Please let me know if you try this out, or have any questions. I’m very curious to hear if this helps your use case.


@jaybdub Thanks! This seems very convenient, hope it gets merged!

But unfortunately does not work for me. Same errors:

[TensorRT] VERBOSE: Block size 65536
[TensorRT] VERBOSE: Total Activation Memory: 49823744
[TensorRT] INFO: Detected 1 inputs and 2 output network tensors.
[TensorRT] VERBOSE: 0.densenet.features.conv0 [CONVOLUTION #1, DLA] torch.nn.Conv2d.forward(Conv2d(3, 64, kernel_size=(7, 7), stride=(2, 2), padding=(3, 3), bias=False), tensor(shape=[1, 3, 256, 256], dtype=torch.float32)) + 0.densenet.features.relu0 [RELU #1, DLA] torch.nn.ReLU.forward(ReLU(inplace=True), tensor(shape=[1, 64, 128, 128], dtype=torch.float32)) () Set Tactic Name: volta_first_layer_filter7x7_fwd
[TensorRT] VERBOSE: Builder timing cache: created 1861 entries, 1436 hit(s)
[TensorRT] ERROR: …/builder/cudnnBuilder2.cpp (1757) - Assertion Error in operator(): 0 (et.region->getType() == RegionType::kNVM)

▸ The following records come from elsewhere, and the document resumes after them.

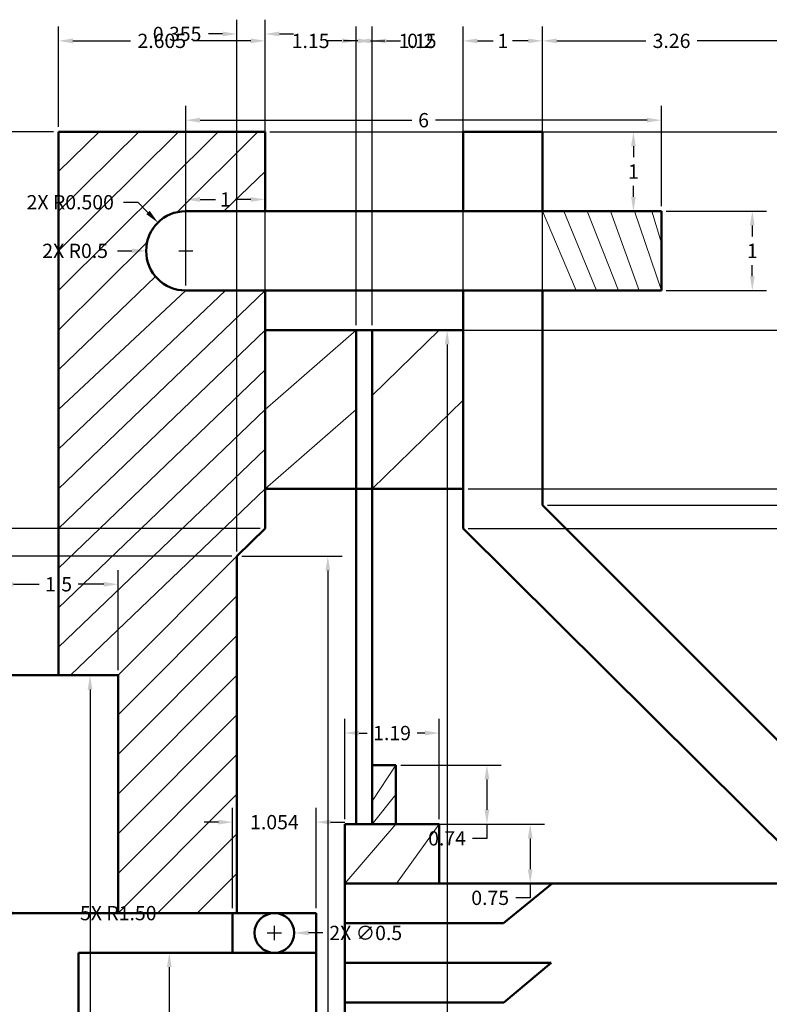
# Model space of a CAD drawing. Units: inches. Extents: x 15.4 to 41.1, y -0.4 to 25.1.
# Tile 3 of 4: x 20.3 to 29.7, y 12.7 to 25.1. Entities that reach past the tile are written whole.
import ezdxf

# ---------------------------------------------------------------- set-up
doc = ezdxf.new("R2010")
doc.units = ezdxf.units.IN
doc.header["$MEASUREMENT"] = 0
for name, color, linetype, lineweight in [('M-DIMS', 2, 'Continuous', 18), ('M-HATC', 8, 'Continuous', 18), ('M-OUTL', 7, 'Continuous', 50)]:
    doc.layers.add(name, color=color, linetype=linetype, lineweight=lineweight)
doc.styles.get("Standard").update_dxf_attribs({"font": 'arial.ttf'})
doc.dimstyles.get("Standard").update_dxf_attribs({"dimtxt": 0.18, "dimasz": 0.18, "dimexe": 0.18, "dimexo": 0.0625, "dimgap": 0.09, "dimtad": 0, "dimtih": 1, "dimtoh": 1, "dimdec": 4, "dimzin": 0, "dimdsep": 46, "dimtxsty": 'Standard', "dimcen": 0.09, "dimadec": 0, "dimazin": 0, "dimtfac": 1, "dimtdec": 4, "dimtofl": 0, "dimtmove": 0, "dimatfit": 3, "dimfxl": 1, "dimtolj": 1, "dimtzin": 0, "dimarcsym": 0})

# ---------------------------------------------------------------- blocks, each defined once
blk = doc.blocks.new('*D2')
at = {"layer": 'Defpoints', "color": 0, "transparency": 16777216}
for p in [(16.366, 23.727), (20.763, 23.727), (20.763, 1.022)]:
    blk.add_point(p, dxfattribs=at)
at = {"layer": 'M-DIMS', "color": 0, "lineweight": -2, "transparency": 16777216}
for p, q in [((20.7, 23.727), (16.186, 23.727)), ((16.366, 23.547), (16.366, 12.557)), ((16.366, 1.202), (16.366, 12.193)), ((20.7, 1.022), (16.186, 1.022))]:
    blk.add_line(p, q, dxfattribs=at)
at = {"layer": 'M-DIMS', "color": 0, "transparency": 16777216}
for points in [[(16.336, 23.547), (16.396, 23.547), (16.366, 23.727)], [(16.336, 1.202), (16.396, 1.202), (16.366, 1.022)]]:
    blk.add_solid(points, dxfattribs=at)
at = {"layer": 'M-DIMS', "color": 0, "transparency": 16777216, "insert": (16.366, 12.375), "char_height": 0.18, "attachment_point": 5}
blk.add_mtext('\\A1;22.705', dxfattribs=at)
blk = doc.blocks.new('*D3')
at = {"layer": 'Defpoints', "color": 0, "transparency": 16777216}
for p in [(23.368, 24.875), (20.763, 23.727), (23.368, 23.727)]:
    blk.add_point(p, dxfattribs=at)
at = {"layer": 'M-DIMS', "color": 0, "lineweight": -2, "transparency": 16777216}
for p, q in [((20.763, 23.79), (20.763, 25.055)), ((23.368, 23.79), (23.368, 25.055)), ((20.943, 24.875), (21.669, 24.875)), ((23.188, 24.875), (22.461, 24.875))]:
    blk.add_line(p, q, dxfattribs=at)
at = {"layer": 'M-DIMS', "color": 0, "transparency": 16777216}
for points in [[(20.943, 24.905), (20.943, 24.845), (20.763, 24.875)], [(23.188, 24.905), (23.188, 24.845), (23.368, 24.875)]]:
    blk.add_solid(points, dxfattribs=at)
at = {"layer": 'M-DIMS', "color": 0, "transparency": 16777216, "insert": (22.065, 24.875), "char_height": 0.18, "attachment_point": 5}
blk.add_mtext('\\A1;2.605', dxfattribs=at)
blk = doc.blocks.new('*D4')
at = {"layer": 'Defpoints', "color": 0, "transparency": 16777216}
for p in [(24.51758, 24.874511), (23.36758, 21.227011), (24.51758, 21.227011)]:
    blk.add_point(p, dxfattribs=at)
at = {"layer": 'M-DIMS', "color": 0, "lineweight": -2, "transparency": 16777216}
for p, q in [((23.36758, 21.289511), (23.36758, 25.054511)), ((24.51758, 21.289511), (24.51758, 25.054511)), ((23.18758, 24.874511), (23.00758, 24.874511)), ((24.69758, 24.874511), (24.87758, 24.874511))]:
    blk.add_line(p, q, dxfattribs=at)
at = {"layer": 'M-DIMS', "color": 0, "transparency": 16777216}
for points in [[(23.18758, 24.904511), (23.18758, 24.844511), (23.36758, 24.874511)], [(24.69758, 24.904511), (24.69758, 24.844511), (24.51758, 24.874511)]]:
    blk.add_solid(points, dxfattribs=at)
at = {"layer": 'M-DIMS', "color": 0, "transparency": 16777216, "insert": (23.94258, 24.874511), "char_height": 0.18, "attachment_point": 5}
blk.add_mtext('\\A1;1.15', dxfattribs=at)
blk = doc.blocks.new('*D5')
at = {"layer": 'Defpoints', "color": 0, "transparency": 16777216}
for p in [(24.718, 24.875), (24.518, 21.227), (24.718, 21.227)]:
    blk.add_point(p, dxfattribs=at)
at = {"layer": 'M-DIMS', "color": 0, "lineweight": -2, "transparency": 16777216}
for p, q in [((24.518, 21.29), (24.518, 25.055)), ((24.718, 21.29), (24.718, 25.055)), ((24.338, 24.875), (24.158, 24.875)), ((24.898, 24.875), (25.078, 24.875))]:
    blk.add_line(p, q, dxfattribs=at)
at = {"layer": 'M-DIMS', "color": 0, "transparency": 16777216}
for points in [[(24.338, 24.905), (24.338, 24.845), (24.518, 24.875)], [(24.898, 24.905), (24.898, 24.845), (24.718, 24.875)]]:
    blk.add_solid(points, dxfattribs=at)
at = {"layer": 'M-DIMS', "color": 0, "transparency": 16777216, "insert": (25.331, 24.875), "char_height": 0.18, "attachment_point": 5}
blk.add_mtext('\\A1;0.2', dxfattribs=at)
blk = doc.blocks.new('*D6')
at = {"layer": 'Defpoints', "color": 0, "transparency": 16777216}
for p in [(25.86758, 24.874511), (24.71758, 21.227011), (25.86758, 21.227011)]:
    blk.add_point(p, dxfattribs=at)
at = {"layer": 'M-DIMS', "color": 0, "lineweight": -2, "transparency": 16777216}
for p, q in [((24.71758, 21.289511), (24.71758, 25.054511)), ((25.86758, 21.289511), (25.86758, 25.054511)), ((24.53758, 24.874511), (24.35758, 24.874511)), ((26.04758, 24.874511), (26.22758, 24.874511))]:
    blk.add_line(p, q, dxfattribs=at)
at = {"layer": 'M-DIMS', "color": 0, "transparency": 16777216}
for points in [[(24.53758, 24.904511), (24.53758, 24.844511), (24.71758, 24.874511)], [(26.04758, 24.904511), (26.04758, 24.844511), (25.86758, 24.874511)]]:
    blk.add_solid(points, dxfattribs=at)
at = {"layer": 'M-DIMS', "color": 0, "transparency": 16777216, "insert": (25.29258, 24.874511), "char_height": 0.18, "attachment_point": 5}
blk.add_mtext('\\A1;1.15', dxfattribs=at)
blk = doc.blocks.new('*D7')
at = {"layer": 'Defpoints', "color": 0, "transparency": 16777216}
for p in [(26.868, 24.875), (25.868, 23.727), (26.868, 23.727)]:
    blk.add_point(p, dxfattribs=at)
at = {"layer": 'M-DIMS', "color": 0, "lineweight": -2, "transparency": 16777216}
for p, q in [((25.868, 23.79), (25.868, 25.055)), ((26.868, 23.79), (26.868, 25.055)), ((26.048, 24.875), (26.244, 24.875)), ((26.688, 24.875), (26.491, 24.875))]:
    blk.add_line(p, q, dxfattribs=at)
at = {"layer": 'M-DIMS', "color": 0, "transparency": 16777216}
for points in [[(26.048, 24.905), (26.048, 24.845), (25.868, 24.875)], [(26.688, 24.905), (26.688, 24.845), (26.868, 24.875)]]:
    blk.add_solid(points, dxfattribs=at)
at = {"layer": 'M-DIMS', "color": 0, "transparency": 16777216, "insert": (26.368, 24.875), "char_height": 0.18, "attachment_point": 5}
blk.add_mtext('\\A1;1', dxfattribs=at)
blk = doc.blocks.new('*D8')
at = {"layer": 'Defpoints', "color": 0, "transparency": 16777216}
for p in [(30.124, 24.875), (26.868, 19.021), (30.124, 14.498)]:
    blk.add_point(p, dxfattribs=at)
at = {"layer": 'M-DIMS', "color": 0, "lineweight": -2, "transparency": 16777216}
for p, q in [((26.868, 19.083), (26.868, 25.055)), ((30.124, 14.561), (30.124, 25.055)), ((27.048, 24.875), (28.172, 24.875)), ((29.944, 24.875), (28.819, 24.875))]:
    blk.add_line(p, q, dxfattribs=at)
at = {"layer": 'M-DIMS', "color": 0, "transparency": 16777216}
for points in [[(27.048, 24.905), (27.048, 24.845), (26.868, 24.875)], [(29.944, 24.905), (29.944, 24.845), (30.124, 24.875)]]:
    blk.add_solid(points, dxfattribs=at)
at = {"layer": 'M-DIMS', "color": 0, "transparency": 16777216, "insert": (28.496, 24.875), "char_height": 0.18, "attachment_point": 5}
blk.add_mtext('\\A1;3.26', dxfattribs=at)
blk = doc.blocks.new('*D11')
at = {"layer": 'Defpoints', "color": 0, "transparency": 16777216}
for p in [(26.868, 23.727), (25.868, 18.727), (40.699, 18.727)]:
    blk.add_point(p, dxfattribs=at)
at = {"layer": 'M-DIMS', "color": 0, "lineweight": -2, "transparency": 16777216}
for p, q in [((26.93, 23.727), (40.879, 23.727)), ((40.699, 23.547), (40.699, 21.409)), ((40.699, 18.907), (40.699, 21.045)), ((25.93, 18.727), (40.879, 18.727))]:
    blk.add_line(p, q, dxfattribs=at)
at = {"layer": 'M-DIMS', "color": 0, "transparency": 16777216}
for points in [[(40.669, 23.547), (40.729, 23.547), (40.699, 23.727)], [(40.669, 18.907), (40.729, 18.907), (40.699, 18.727)]]:
    blk.add_solid(points, dxfattribs=at)
at = {"layer": 'M-DIMS', "color": 0, "transparency": 16777216, "insert": (40.699, 21.227), "char_height": 0.18, "attachment_point": 5}
blk.add_mtext('\\A1;5', dxfattribs=at)
blk = doc.blocks.new('*D12')
at = {"layer": 'Defpoints', "color": 0, "transparency": 16777216}
for p in [(25.868, 18.727), (30.124, 14.498), (40.699, 14.498)]:
    blk.add_point(p, dxfattribs=at)
at = {"layer": 'M-DIMS', "color": 0, "lineweight": -2, "transparency": 16777216}
for p, q in [((25.93, 18.727), (40.879, 18.727)), ((40.699, 18.547), (40.699, 16.794)), ((40.699, 14.678), (40.699, 16.431)), ((30.186, 14.498), (40.879, 14.498))]:
    blk.add_line(p, q, dxfattribs=at)
at = {"layer": 'M-DIMS', "color": 0, "transparency": 16777216}
for points in [[(40.669, 18.547), (40.729, 18.547), (40.699, 18.727)], [(40.669, 14.678), (40.729, 14.678), (40.699, 14.498)]]:
    blk.add_solid(points, dxfattribs=at)
at = {"layer": 'M-DIMS', "color": 0, "transparency": 16777216, "insert": (40.699, 16.613), "char_height": 0.18, "attachment_point": 5}
blk.add_mtext('\\A1;4.229', dxfattribs=at)
blk = doc.blocks.new('*D13')
at = {"layer": 'Defpoints', "color": 0, "transparency": 16777216}
for p in [(28.368, 23.875), (22.368, 22.727), (28.368, 22.727)]:
    blk.add_point(p, dxfattribs=at)
at = {"layer": 'M-DIMS', "color": 0, "lineweight": -2, "transparency": 16777216}
for p, q in [((22.368, 22.79), (22.368, 24.055)), ((28.368, 22.79), (28.368, 24.055)), ((22.548, 23.875), (25.218, 23.875)), ((28.188, 23.875), (25.517, 23.875))]:
    blk.add_line(p, q, dxfattribs=at)
at = {"layer": 'M-DIMS', "color": 0, "transparency": 16777216}
for points in [[(22.548, 23.905), (22.548, 23.845), (22.368, 23.875)], [(28.188, 23.905), (28.188, 23.845), (28.368, 23.875)]]:
    blk.add_solid(points, dxfattribs=at)
at = {"layer": 'M-DIMS', "color": 0, "transparency": 16777216, "insert": (25.368, 23.875), "char_height": 0.18, "attachment_point": 5}
blk.add_mtext('\\A1;6', dxfattribs=at)
blk = doc.blocks.new('*D14')
at = {"layer": 'Defpoints', "color": 0, "transparency": 16777216}
for p in [(28.368, 22.727), (28.368, 21.727), (29.515, 21.727)]:
    blk.add_point(p, dxfattribs=at)
at = {"layer": 'M-DIMS', "color": 0, "lineweight": -2, "transparency": 16777216}
for p, q in [((28.43, 22.727), (29.695, 22.727)), ((29.515, 22.547), (29.515, 22.407)), ((29.515, 21.907), (29.515, 22.047)), ((28.43, 21.727), (29.695, 21.727))]:
    blk.add_line(p, q, dxfattribs=at)
at = {"layer": 'M-DIMS', "color": 0, "transparency": 16777216}
for points in [[(29.485, 22.547), (29.545, 22.547), (29.515, 22.727)], [(29.485, 21.907), (29.545, 21.907), (29.515, 21.727)]]:
    blk.add_solid(points, dxfattribs=at)
at = {"layer": 'M-DIMS', "color": 0, "transparency": 16777216, "insert": (29.515, 22.227), "char_height": 0.18, "attachment_point": 5}
blk.add_mtext('\\A1;1', dxfattribs=at)
blk = doc.blocks.new('*D15')
at = {"layer": 'Defpoints', "color": 0, "transparency": 16777216}
for p in [(26.868, 23.727), (26.868, 22.727), (28.015, 22.727)]:
    blk.add_point(p, dxfattribs=at)
at = {"layer": 'M-DIMS', "color": 0, "lineweight": -2, "transparency": 16777216}
for p, q in [((26.93, 23.727), (28.195, 23.727)), ((28.015, 23.547), (28.015, 23.407)), ((28.015, 22.907), (28.015, 23.047)), ((26.93, 22.727), (28.195, 22.727))]:
    blk.add_line(p, q, dxfattribs=at)
at = {"layer": 'M-DIMS', "color": 0, "transparency": 16777216}
for points in [[(27.985, 23.547), (28.045, 23.547), (28.015, 23.727)], [(27.985, 22.907), (28.045, 22.907), (28.015, 22.727)]]:
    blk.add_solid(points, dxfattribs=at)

So maybe a problem with TensorRT directly? Any idea what the error et.region->getType() == RegionType::kNVM signifies?


This is a known issue and first reported by Problem building TensorRT engines for DLA core.
We already fixed this in our internal branch and the fix will be available in the next major release.

Sorry for the inconvenience.

Thanks for the update! Good know it is being fixed.

When can we expect a release with the fix? A rough estimate is fine. Being able to use the DLA cores is really important for the product we are building with Xavier.


Unfortunately, we are not allowed to release any schedule here.
Let us check this with our internal team to see if any extra information we can share.


We’re going to have the next release at summer, please wait for tour announcement.


is this ix still on track for next release? will this happen in June eventually?
I would like to use my Jetson NX DLAs. So far I struggle to use the DLAs, they either do not support enough operations or have to interact with CPU/GPU, leading the low performance altogether.
A bit frustrating.

Yes, the next release will be available late July, 2021.

This topic was automatically closed 2 days after the last reply. New replies are no longer allowed.